AUSTERITY

Marion Bell's first book, AUSTERITY, is poetry written through and against neoliberal demands, "committed to what can only be approached by trust which is impossible to imagine after the things we've lived thru." In conversation with friends, activists and philosophers, these poems explore love, intimacy, queer liberation, and time.
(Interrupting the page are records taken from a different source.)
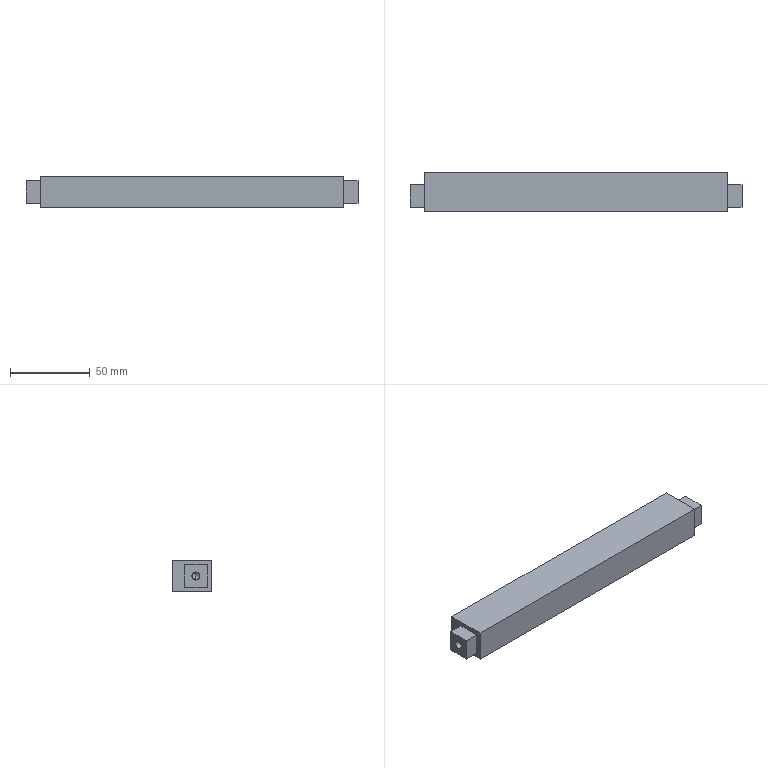Component | SolidWorks | Beam-1 | 1 solid | 38 faces | box 208 x 25 x 20 mm | volume 70503 mm3 | plane 22 | cone 8 | cylinder 8 | commonest cylinder face diameters 5 x4 10 x4
build123d program:
from build123d import *

# Parameters (mm, degrees)
SKETCH1_W           = 20
SKETCH1_H           = 25
BOSS_EXTRUDE1_DEPTH = 95
CUT_EXTRUDE4_DEPTH  = 20
SKETCH11_W          = 14
SKETCH11_H          = 14
BOSS_EXTRUDE3_DEPTH = 9


with BuildPart() as part:
    # Sketch1 → Boss-Extrude1 (new, symmetric)
    with BuildSketch(Plane(origin=(0, 0, 0), x_dir=(0, 0, -1), z_dir=(1, 0, 0))):
        with Locations((0, 20.347)):
            Rectangle(SKETCH1_W, SKETCH1_H)
    extrude(amount=BOSS_EXTRUDE1_DEPTH, both=True)

    # Sketch6 → Cut-Extrude4 (cut)
    with BuildSketch(Plane(origin=(0, 7.847, 0), x_dir=(-1, 0, 0), z_dir=(0, -1, 0))):
        with BuildLine():
            Line((75, -5), (15, -5))
            ThreePointArc((15, -5), (10, 0), (15, 5))
            Line((15, 5), (75, 5))
            ThreePointArc((75, 5), (80, 0), (75, -5))
        make_face()
        with BuildLine():
            Line((-75, -5), (-15, -5))
            ThreePointArc((-15, -5), (-10, 0), (-15, 5))
            Line((-15, 5), (-75, 5))
            ThreePointArc((-75, 5), (-80, 0), (-75, -5))
        make_face()
    extrude(amount=-CUT_EXTRUDE4_DEPTH, mode=Mode.SUBTRACT)

    # Sketch11 → Boss-Extrude3 (add)
    with BuildSketch(Plane(origin=(95, 0, 0), x_dir=(0, 0, -1), z_dir=(1, 0, 0))):
        with Locations((0, 22.847)):
            Rectangle(SKETCH11_W, SKETCH11_H)
    boss_extrude3 = extrude(amount=BOSS_EXTRUDE3_DEPTH)

    # Sketch12 → M5 Tapped Hole1 (revolve, cut)
    with BuildSketch(Plane(origin=(104, 22.847, 0), x_dir=(0, 0, -1), z_dir=(0, 1, 0))):
        Polygon((0, 0), (0, 23.502), (2.5, 22), (2.5, 0.025), (2.525, 0), align=None)
    m5_tapped_hole1 = revolve(axis=Axis((110.35, 22.847, 0), (-1, 0, 0)), mode=Mode.SUBTRACT)

    # Mirror1: Boss-Extrude3, M5 Tapped Hole1 across plane
    add(boss_extrude3.mirror(Plane(origin=(0, 0, 0), x_dir=(0, 0, 1), z_dir=(1, 0, 0))))
    add(m5_tapped_hole1.mirror(Plane(origin=(0, 0, 0), x_dir=(0, 0, 1), z_dir=(1, 0, 0))), mode=Mode.SUBTRACT)


solid = part.part

# Placed as in the assembly
solid = solid.moved(Location((-138.428, 50.643, 284.382), (180, 0, 0)))
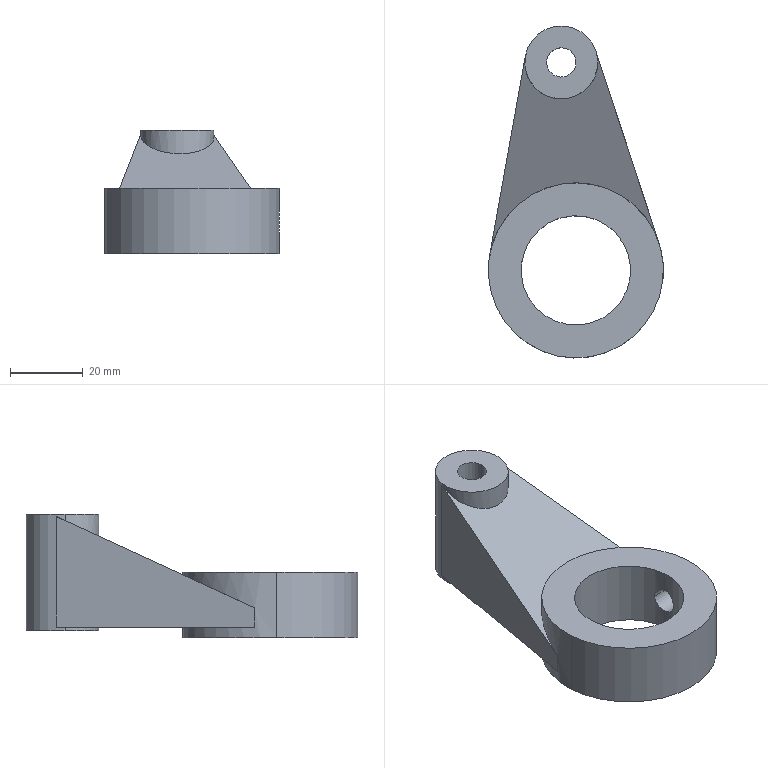Component | SolidWorks | 15Lever-1 | 1 solid | 26 faces | box 48 x 91 x 34 mm | volume 35312 mm3 | cylinder 13 | plane 13 | commonest cylinder face diameters 20 x3 6.8 x2 14.5 x2 30 x2 48 x2 8.02 x2
STEP:
#1=COLOUR_RGB('',0.7922,0.8196,0.9333);
#2=FILL_AREA_STYLE_COLOUR('',#1);
#3=FILL_AREA_STYLE('',(#2));
#4=SURFACE_STYLE_FILL_AREA(#3);
#5=SURFACE_SIDE_STYLE('',(#4));
#6=SURFACE_STYLE_USAGE(.BOTH.,#5);
#7=PRESENTATION_STYLE_ASSIGNMENT((#6));
#8=CARTESIAN_POINT('',(2.078,-2.267,14.724));
#9=VERTEX_POINT('',#8);
#10=CARTESIAN_POINT('',(2.083,-2.133,14.591));
#11=VERTEX_POINT('',#10);
#12=CARTESIAN_POINT('',(2.078,-2.267,14.724));
#13=CARTESIAN_POINT('',(2.078,-2.267,14.716));
#14=CARTESIAN_POINT('',(2.078,-2.267,14.707));
#15=CARTESIAN_POINT('',(2.078,-2.263,14.69));
#16=CARTESIAN_POINT('',(2.079,-2.26,14.681));
#17=CARTESIAN_POINT('',(2.08,-2.254,14.665));
#18=CARTESIAN_POINT('',(2.08,-2.25,14.657));
#19=CARTESIAN_POINT('',(2.081,-2.24,14.643));
#20=CARTESIAN_POINT('',(2.082,-2.234,14.636));
#21=CARTESIAN_POINT('',(2.083,-2.222,14.624));
#22=CARTESIAN_POINT('',(2.084,-2.215,14.618));
#23=CARTESIAN_POINT('',(2.084,-2.2,14.608));
#24=CARTESIAN_POINT('',(2.085,-2.192,14.604));
#25=CARTESIAN_POINT('',(2.085,-2.176,14.597));
#26=CARTESIAN_POINT('',(2.085,-2.168,14.595));
#27=CARTESIAN_POINT('',(2.085,-2.15,14.591));
#28=CARTESIAN_POINT('',(2.084,-2.142,14.591));
#29=CARTESIAN_POINT('',(2.083,-2.133,14.591));
#30=B_SPLINE_CURVE_WITH_KNOTS('',3,(#12,#13,#14,#15,#16,#17,#18,#19,#20,#21,#22,#23,#24,#25,#26,#27,#28,#29),.UNSPECIFIED.,.F.,.F.,(4,2,2,2,2,2,2,2,4),(0.016,0.01666,0.01733,0.018,0.01866,0.01933,0.01999,0.02066,0.02133),.UNSPECIFIED.);
#31=EDGE_CURVE('',#9,#11,#30,.T.);
#32=ORIENTED_EDGE('',*,*,#31,.F.);
#33=CARTESIAN_POINT('',(2.437,-2.242,14.724));
#34=VERTEX_POINT('',#33);
#35=CARTESIAN_POINT('',(2.446,-2.242,14.724));
#36=DIRECTION('',(0.9975,0.07,0.));
#37=VECTOR('',#36,39.37);
#38=LINE('',#35,#37);
#39=EDGE_CURVE('',#9,#34,#38,.T.);
#40=ORIENTED_EDGE('',*,*,#39,.T.);
#41=CARTESIAN_POINT('',(2.437,-2.108,14.591));
#42=VERTEX_POINT('',#41);
#43=CARTESIAN_POINT('',(2.437,-2.242,14.724));
#44=CARTESIAN_POINT('',(2.437,-2.242,14.716));
#45=CARTESIAN_POINT('',(2.437,-2.241,14.707));
#46=CARTESIAN_POINT('',(2.437,-2.238,14.69));
#47=CARTESIAN_POINT('',(2.437,-2.235,14.681));
#48=CARTESIAN_POINT('',(2.438,-2.229,14.665));
#49=CARTESIAN_POINT('',(2.438,-2.224,14.657));
#50=CARTESIAN_POINT('',(2.438,-2.215,14.643));
#51=CARTESIAN_POINT('',(2.439,-2.209,14.636));
#52=CARTESIAN_POINT('',(2.439,-2.197,14.624));
#53=CARTESIAN_POINT('',(2.439,-2.19,14.618));
#54=CARTESIAN_POINT('',(2.439,-2.175,14.608));
#55=CARTESIAN_POINT('',(2.439,-2.167,14.604));
#56=CARTESIAN_POINT('',(2.439,-2.151,14.597));
#57=CARTESIAN_POINT('',(2.439,-2.143,14.595));
#58=CARTESIAN_POINT('',(2.438,-2.126,14.591));
#59=CARTESIAN_POINT('',(2.438,-2.117,14.591));
#60=CARTESIAN_POINT('',(2.437,-2.108,14.591));
#61=B_SPLINE_CURVE_WITH_KNOTS('',3,(#43,#44,#45,#46,#47,#48,#49,#50,#51,#52,#53,#54,#55,#56,#57,#58,#59,#60),.UNSPECIFIED.,.F.,.F.,(4,2,2,2,2,2,2,2,4),(0.01064,0.01131,0.01197,0.01264,0.0133,0.01397,0.01464,0.0153,0.01597),.UNSPECIFIED.);
#62=EDGE_CURVE('',#34,#42,#61,.T.);
#63=ORIENTED_EDGE('',*,*,#62,.T.);
#64=CARTESIAN_POINT('',(2.418,-1.975,14.724));
#65=VERTEX_POINT('',#64);
#66=CARTESIAN_POINT('',(2.437,-2.108,14.591));
#67=CARTESIAN_POINT('',(2.436,-2.099,14.591));
#68=CARTESIAN_POINT('',(2.436,-2.091,14.591));
#69=CARTESIAN_POINT('',(2.434,-2.073,14.595));
#70=CARTESIAN_POINT('',(2.433,-2.065,14.597));
#71=CARTESIAN_POINT('',(2.431,-2.049,14.604));
#72=CARTESIAN_POINT('',(2.43,-2.041,14.608));
#73=CARTESIAN_POINT('',(2.428,-2.027,14.618));
#74=CARTESIAN_POINT('',(2.427,-2.02,14.624));
#75=CARTESIAN_POINT('',(2.425,-2.008,14.636));
#76=CARTESIAN_POINT('',(2.424,-2.002,14.643));
#77=CARTESIAN_POINT('',(2.422,-1.993,14.657));
#78=CARTESIAN_POINT('',(2.421,-1.989,14.665));
#79=CARTESIAN_POINT('',(2.42,-1.982,14.681));
#80=CARTESIAN_POINT('',(2.419,-1.979,14.69));
#81=CARTESIAN_POINT('',(2.418,-1.976,14.707));
#82=CARTESIAN_POINT('',(2.418,-1.975,14.716));
#83=CARTESIAN_POINT('',(2.418,-1.975,14.724));
#84=B_SPLINE_CURVE_WITH_KNOTS('',3,(#66,#67,#68,#69,#70,#71,#72,#73,#74,#75,#76,#77,#78,#79,#80,#81,#82,#83),.UNSPECIFIED.,.F.,.F.,(4,2,2,2,2,2,2,2,4),(0.01597,0.01663,0.0173,0.01796,0.01863,0.01929,0.01995,0.02062,0.02128),.UNSPECIFIED.);
#85=EDGE_CURVE('',#42,#65,#84,.T.);
#86=ORIENTED_EDGE('',*,*,#85,.T.);
#87=CARTESIAN_POINT('',(2.059,-2.,14.724));
#88=VERTEX_POINT('',#87);
#89=CARTESIAN_POINT('',(2.428,-1.974,14.724));
#90=DIRECTION('',(0.9975,0.07,0.));
#91=VECTOR('',#90,39.37);
#92=LINE('',#89,#91);
#93=EDGE_CURVE('',#88,#65,#92,.T.);
#94=ORIENTED_EDGE('',*,*,#93,.F.);
#95=CARTESIAN_POINT('',(2.083,-2.133,14.591));
#96=CARTESIAN_POINT('',(2.083,-2.124,14.591));
#97=CARTESIAN_POINT('',(2.082,-2.115,14.591));
#98=CARTESIAN_POINT('',(2.08,-2.098,14.595));
#99=CARTESIAN_POINT('',(2.079,-2.09,14.597));
#100=CARTESIAN_POINT('',(2.076,-2.074,14.604));
#101=CARTESIAN_POINT('',(2.075,-2.066,14.608));
#102=CARTESIAN_POINT('',(2.072,-2.052,14.618));
#103=CARTESIAN_POINT('',(2.071,-2.045,14.624));
#104=CARTESIAN_POINT('',(2.068,-2.033,14.636));
#105=CARTESIAN_POINT('',(2.066,-2.027,14.643));
#106=CARTESIAN_POINT('',(2.064,-2.018,14.657));
#107=CARTESIAN_POINT('',(2.063,-2.014,14.665));
#108=CARTESIAN_POINT('',(2.061,-2.007,14.681));
#109=CARTESIAN_POINT('',(2.06,-2.005,14.69));
#110=CARTESIAN_POINT('',(2.059,-2.001,14.707));
#111=CARTESIAN_POINT('',(2.059,-2.,14.716));
#112=CARTESIAN_POINT('',(2.059,-2.,14.724));
#113=B_SPLINE_CURVE_WITH_KNOTS('',3,(#95,#96,#97,#98,#99,#100,#101,#102,#103,#104,#105,#106,#107,#108,#109,#110,#111,#112),.UNSPECIFIED.,.F.,.F.,(4,2,2,2,2,2,2,2,4),(0.,0.0006667,0.001333,0.002,0.002667,0.003334,0.004,0.004667,0.005334),.UNSPECIFIED.);
#114=EDGE_CURVE('',#11,#88,#113,.T.);
#115=ORIENTED_EDGE('',*,*,#114,.F.);
#116=EDGE_LOOP('',(#32,#40,#63,#86,#94,#115));
#117=FACE_OUTER_BOUND('',#116,.T.);
#118=CARTESIAN_POINT('',(2.437,-2.108,14.724));
#119=DIRECTION('',(0.9975,0.07,0.));
#120=DIRECTION('',(-0.07,0.9975,0.));
#121=AXIS2_PLACEMENT_3D('',#118,#119,#120);
#122=CYLINDRICAL_SURFACE('',#121,0.1339);
#123=ADVANCED_FACE('',(#117),#122,.F.);
#124=CARTESIAN_POINT('',(1.622,0.0899,15.433));
#125=VERTEX_POINT('',#124);
#126=CARTESIAN_POINT('',(1.052,0.04993,15.433));
#127=VERTEX_POINT('',#126);
#128=CARTESIAN_POINT('',(1.337,0.06992,15.433));
#129=DIRECTION('',(0.,-0.,-1.));
#130=DIRECTION('',(-0.9975,-0.07,0.));
#131=AXIS2_PLACEMENT_3D('',#128,#129,#130);
#132=CIRCLE('',#131,0.2854);
#133=EDGE_CURVE('',#125,#127,#132,.T.);
#134=ORIENTED_EDGE('',*,*,#133,.F.);
#135=CARTESIAN_POINT('',(1.622,0.0899,14.449));
#136=VERTEX_POINT('',#135);
#137=CARTESIAN_POINT('',(1.622,0.0899,15.433));
#138=DIRECTION('',(0.,-0.,-1.));
#139=VECTOR('',#138,39.37);
#140=LINE('',#137,#139);
#141=EDGE_CURVE('',#125,#136,#140,.T.);
#142=ORIENTED_EDGE('',*,*,#141,.T.);
#143=CARTESIAN_POINT('',(1.052,0.04993,14.449));
#144=VERTEX_POINT('',#143);
#145=CARTESIAN_POINT('',(1.337,0.06992,14.449));
#146=DIRECTION('',(0.,-0.,-1.));
#147=DIRECTION('',(-0.9975,-0.07,0.));
#148=AXIS2_PLACEMENT_3D('',#145,#146,#147);
#149=CIRCLE('',#148,0.2854);
#150=EDGE_CURVE('',#136,#144,#149,.T.);
#151=ORIENTED_EDGE('',*,*,#150,.T.);
#152=CARTESIAN_POINT('',(1.052,0.04993,15.433));
#153=DIRECTION('',(0.,-0.,-1.));
#154=VECTOR('',#153,39.37);
#155=LINE('',#152,#154);
#156=EDGE_CURVE('',#127,#144,#155,.T.);
#157=ORIENTED_EDGE('',*,*,#156,.F.);
#158=EDGE_LOOP('',(#134,#142,#151,#157));
#159=FACE_OUTER_BOUND('',#158,.T.);
#160=CARTESIAN_POINT('',(1.337,0.06992,15.433));
#161=DIRECTION('',(0.,-0.,-1.));
#162=DIRECTION('',(-0.9975,-0.07,0.));
#163=AXIS2_PLACEMENT_3D('',#160,#161,#162);
#164=CYLINDRICAL_SURFACE('',#163,0.2854);
#165=ADVANCED_FACE('',(#159),#164,.F.);
#166=CARTESIAN_POINT('',(0.9053,-2.216,14.37));
#167=VERTEX_POINT('',#166);
#168=CARTESIAN_POINT('',(2.083,-2.133,14.37));
#169=VERTEX_POINT('',#168);
#170=CARTESIAN_POINT('',(1.494,-2.174,14.37));
#171=DIRECTION('',(-0.,0.,1.));
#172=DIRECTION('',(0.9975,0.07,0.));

What takes shape is a music "that happens also / while looking for work / so you can keep living / to undo / what work does."

AUSTERITY

look i get radicalized by love

like any normal

American



i wouldn’t turn you into a wife

i’m a person you know

and the conditions are weird

the naiveté

even of my knowing

i wouldn’t turn you into anything



i get radicalized by love

and by austerity

and by work

by austerity and by work



it’s easy to get radicalized just by paying attention to experience

i would write to you

in the naiveté of my knowing

DREAM - December 1st, 2014

I’ve made a movie or I’m doing a performance – I’m in a restaurant – I’m doing a performance about my love – my unrequited love for the woman who works in the restaurant – we have had a love affair that has not been fulfilled – the woman is watching and an audience is also watching – the performance is very moving – it is a success - I leave the restaurant and I am paying the woman I have loved but not well – I am paying her for a meal – our love has not been a success but the performance has been – there is an overwhelming feeling of recognition between us – she gives my money back to me after I pay – she pushes it back to me + I say no no and I give it back to her

MOST OF THE TIME / REALISM

I’m sitting on the couch while cooking
rice and beans
dreaming again           I guess
                of delivery from realism
the curse of doing the
stupidest jobs
in a soulful way
that’s a curse yes
when you said
my new poems were
quiet
I didn’t feel good about it
but I’m trying to draw a line
between email you and
the you that is my friend
the you of the poem
and the you that is
my friend
years ago
when we all became friends
while drinking too much
at poetry readings
it makes me feel better when
somebody on tumblr says nostalgia
might be queer hope
it makes me feel more hopeful about
my nostalgia
the curse of always
having the wrong job
of meeting you when
you were straight
bad timing
which is also a
way of being
hopeful
in another world
I said
I feel so
stupid
which was a way
of saying the world
had put me
in the position to
feel that way
you can make
a life
out of shitty jobs
that leave you weird
kinds of time
you can make a life
that way
too
maybe
I use Marxist
language
in team meetings
the use of the word
team at work still
captures
me emotionally
like a socialist dream in
a capitalist context
you’re still sleeping upstairs
from working the night shift
and I get mad at you
for missing me
for more
capitalist
bad timing
for more work
but maybe I can end this
by addressing
you sleeping
upstairs
who understands
the jokes
I rely on too much
the joke is that the other
world
can’t read us
it’s not funny at all
but you know what
I mean
most of the
time

from AUSTERITY II



the Philadelphia police department puts a flyer in our mailbox suggesting we find them
on various social media platforms



***



the tv anchors

make a point of telling us they feel the tear gas

“it stings, Rachel”












when something big is happening and you

can only be aware of tiny

things your body is doing

that my pants are too tight

and there’s a big pimple on my chin










how do you know each other?

the border cop asks










try to keep the space of

travel for a minute the aura of it

an inner life

like to aspire to what is already there

all my life

I’ve been dreaming of an inner life

in which I’m also standing on

the street










Again against my own perverse and obsessive loyalty

If I put too much pressure on myself to be liberated and

                             then I put too much pressure on myself to be disciplined

I wonder what disciplines my body waking up early to work

even though I’m sick


                            As if a person liberates their own body.